There was also another inscription put up in the time of Robespierre in front of the building where the national convention sat, which, though it does honor to the French with respect to humanity, stands as a contradiction to this licentious libeller. The inscription was, "The Divinity condemns tyrants; the French people execute the decree!
The religious society of the Theophilanthropistism a word compounded of three Greek words, and meaning, adorers of God and lovers of man, was established in the time of the directory, and Ravelliere la Peaux, one of the five directors, was one of its principled founders. It professed two articles as its creed, the belief of a God, and a state of future existence. Its moral dogmas were exceedingly good.
Having now detected Hulbert in his falsehoods not by mere assertions, as he deals in, but by the evidence of fact, I go to show that he is an impostor and a hypocrite, for notwithstanding his clamor about religion, he does not believe the Christian religion himself, nor holds it to be true.
It is neither his belief nor his disbelief that I trouble myself about. Every man must answer for the truth or falsehood of his creed at the tribunal of his creator, and not to that of man, nor of one man to another. It is Hulbert's hypocrisy only that I expose.
If Mr. Hulbert, or the speaker of the house of representatives, who heard his nonsense, will write to John Fellows, Water Street, New York, he will be informed of the evidence that will prove the hypocrisy of Hulbert.

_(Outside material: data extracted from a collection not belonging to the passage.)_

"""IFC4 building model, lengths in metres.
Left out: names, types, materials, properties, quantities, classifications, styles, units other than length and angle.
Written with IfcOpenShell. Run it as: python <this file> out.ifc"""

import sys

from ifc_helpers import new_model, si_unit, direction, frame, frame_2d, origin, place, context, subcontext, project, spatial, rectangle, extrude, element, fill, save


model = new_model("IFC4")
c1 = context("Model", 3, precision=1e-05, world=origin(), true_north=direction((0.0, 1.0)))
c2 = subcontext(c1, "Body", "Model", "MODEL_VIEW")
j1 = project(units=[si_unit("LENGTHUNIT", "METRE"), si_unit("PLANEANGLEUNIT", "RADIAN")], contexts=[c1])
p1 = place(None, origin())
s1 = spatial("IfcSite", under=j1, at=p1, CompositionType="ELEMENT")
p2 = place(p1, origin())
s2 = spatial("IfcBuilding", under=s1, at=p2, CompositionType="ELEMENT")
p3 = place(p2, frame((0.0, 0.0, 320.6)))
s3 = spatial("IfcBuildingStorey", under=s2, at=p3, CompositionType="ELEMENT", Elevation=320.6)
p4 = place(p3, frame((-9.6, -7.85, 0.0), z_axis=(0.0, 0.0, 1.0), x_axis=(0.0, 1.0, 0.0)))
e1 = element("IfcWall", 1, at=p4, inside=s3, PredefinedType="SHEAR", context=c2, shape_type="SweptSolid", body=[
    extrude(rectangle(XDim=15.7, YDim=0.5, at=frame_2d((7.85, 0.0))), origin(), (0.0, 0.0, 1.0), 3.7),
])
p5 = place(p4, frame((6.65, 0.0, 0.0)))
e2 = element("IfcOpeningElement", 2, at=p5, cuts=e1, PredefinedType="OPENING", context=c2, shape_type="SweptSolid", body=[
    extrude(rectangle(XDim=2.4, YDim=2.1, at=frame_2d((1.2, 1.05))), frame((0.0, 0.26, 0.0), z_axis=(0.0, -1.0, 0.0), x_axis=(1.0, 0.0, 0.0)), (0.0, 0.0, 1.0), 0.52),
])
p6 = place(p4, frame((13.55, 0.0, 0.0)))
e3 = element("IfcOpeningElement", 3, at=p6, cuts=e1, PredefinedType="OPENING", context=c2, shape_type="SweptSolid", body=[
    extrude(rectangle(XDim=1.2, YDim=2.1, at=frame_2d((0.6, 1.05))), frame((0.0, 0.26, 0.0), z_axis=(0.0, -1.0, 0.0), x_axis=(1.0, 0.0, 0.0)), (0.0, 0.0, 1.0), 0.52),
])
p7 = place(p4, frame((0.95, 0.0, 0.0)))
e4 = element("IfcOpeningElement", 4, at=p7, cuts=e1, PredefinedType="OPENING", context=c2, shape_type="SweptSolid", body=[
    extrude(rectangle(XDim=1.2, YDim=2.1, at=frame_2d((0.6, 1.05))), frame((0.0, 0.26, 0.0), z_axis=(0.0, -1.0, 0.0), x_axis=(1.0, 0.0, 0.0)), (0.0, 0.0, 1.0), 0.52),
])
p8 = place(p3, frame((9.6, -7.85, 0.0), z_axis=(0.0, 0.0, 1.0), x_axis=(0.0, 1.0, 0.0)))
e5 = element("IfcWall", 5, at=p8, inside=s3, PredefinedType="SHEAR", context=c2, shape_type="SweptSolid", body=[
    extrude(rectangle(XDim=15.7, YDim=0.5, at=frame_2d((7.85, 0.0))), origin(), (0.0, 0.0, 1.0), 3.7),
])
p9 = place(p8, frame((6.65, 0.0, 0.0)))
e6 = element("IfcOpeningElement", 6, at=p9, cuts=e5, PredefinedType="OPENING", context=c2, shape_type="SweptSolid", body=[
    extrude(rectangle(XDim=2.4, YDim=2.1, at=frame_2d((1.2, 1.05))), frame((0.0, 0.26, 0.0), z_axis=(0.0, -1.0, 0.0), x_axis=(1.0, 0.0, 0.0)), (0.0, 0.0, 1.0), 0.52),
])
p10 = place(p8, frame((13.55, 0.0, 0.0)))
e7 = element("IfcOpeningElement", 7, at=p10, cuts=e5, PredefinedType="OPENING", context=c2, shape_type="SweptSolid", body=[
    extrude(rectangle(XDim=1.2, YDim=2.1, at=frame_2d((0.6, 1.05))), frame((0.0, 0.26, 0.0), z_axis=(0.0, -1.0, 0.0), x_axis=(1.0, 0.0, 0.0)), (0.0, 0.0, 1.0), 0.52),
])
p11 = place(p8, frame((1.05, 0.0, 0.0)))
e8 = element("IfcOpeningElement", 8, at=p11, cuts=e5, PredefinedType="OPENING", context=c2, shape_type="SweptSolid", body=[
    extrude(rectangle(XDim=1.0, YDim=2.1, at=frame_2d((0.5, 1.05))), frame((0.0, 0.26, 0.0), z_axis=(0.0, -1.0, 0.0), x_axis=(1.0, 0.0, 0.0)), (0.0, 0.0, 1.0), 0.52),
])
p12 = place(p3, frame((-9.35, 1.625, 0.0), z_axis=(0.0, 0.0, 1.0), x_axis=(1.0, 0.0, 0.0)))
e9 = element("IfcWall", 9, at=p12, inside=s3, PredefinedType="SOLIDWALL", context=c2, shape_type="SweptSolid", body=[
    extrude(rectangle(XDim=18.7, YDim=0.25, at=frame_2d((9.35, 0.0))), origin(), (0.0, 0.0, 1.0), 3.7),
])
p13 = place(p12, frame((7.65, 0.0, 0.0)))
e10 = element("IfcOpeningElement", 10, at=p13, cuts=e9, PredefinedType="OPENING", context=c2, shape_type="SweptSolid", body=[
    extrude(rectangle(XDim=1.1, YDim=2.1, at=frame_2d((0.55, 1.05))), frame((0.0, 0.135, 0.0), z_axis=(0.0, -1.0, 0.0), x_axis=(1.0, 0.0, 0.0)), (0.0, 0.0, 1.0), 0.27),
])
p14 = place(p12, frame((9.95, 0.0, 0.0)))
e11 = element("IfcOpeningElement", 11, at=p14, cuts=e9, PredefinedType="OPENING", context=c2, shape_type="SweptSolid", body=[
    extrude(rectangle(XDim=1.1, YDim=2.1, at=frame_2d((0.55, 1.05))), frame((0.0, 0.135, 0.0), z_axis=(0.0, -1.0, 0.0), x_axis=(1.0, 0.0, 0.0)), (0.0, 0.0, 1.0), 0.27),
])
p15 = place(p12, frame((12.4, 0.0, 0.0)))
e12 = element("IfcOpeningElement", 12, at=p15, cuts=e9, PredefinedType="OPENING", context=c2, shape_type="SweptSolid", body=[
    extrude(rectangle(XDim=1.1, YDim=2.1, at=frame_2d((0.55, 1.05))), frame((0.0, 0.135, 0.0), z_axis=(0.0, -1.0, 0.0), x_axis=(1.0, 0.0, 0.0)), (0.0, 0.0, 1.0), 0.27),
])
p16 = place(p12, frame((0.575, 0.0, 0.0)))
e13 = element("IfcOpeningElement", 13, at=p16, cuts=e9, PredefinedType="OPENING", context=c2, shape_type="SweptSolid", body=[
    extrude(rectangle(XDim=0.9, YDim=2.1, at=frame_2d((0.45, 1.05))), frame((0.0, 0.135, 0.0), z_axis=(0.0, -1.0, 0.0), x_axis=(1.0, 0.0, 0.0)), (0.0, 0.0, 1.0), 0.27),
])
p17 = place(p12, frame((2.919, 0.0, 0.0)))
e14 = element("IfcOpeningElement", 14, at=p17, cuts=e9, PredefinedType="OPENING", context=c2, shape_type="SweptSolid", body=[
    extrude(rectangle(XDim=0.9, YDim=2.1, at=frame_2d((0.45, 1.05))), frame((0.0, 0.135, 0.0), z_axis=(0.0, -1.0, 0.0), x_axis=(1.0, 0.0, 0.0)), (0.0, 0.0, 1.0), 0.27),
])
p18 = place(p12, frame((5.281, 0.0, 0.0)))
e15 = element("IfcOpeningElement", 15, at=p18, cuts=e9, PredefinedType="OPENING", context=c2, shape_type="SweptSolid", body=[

Slander and hypocrisy are class mates in the school of vice. They are the necessary aids of each other. The same cowardly depravity of heart that leads to the one conducts to the other, and Hulbert has made the tour of both.
Had not Hulbert profaned the sanctuary of legislation, and covered himself with the privilege of a legislator, to pour forth his abuse, his slander and his falsehoods, he would have drawn no reply from me. I should have let him pass, unnoticed, among the group of nameless and indiscriminate libellers who have wasted their venom and their invention in vain.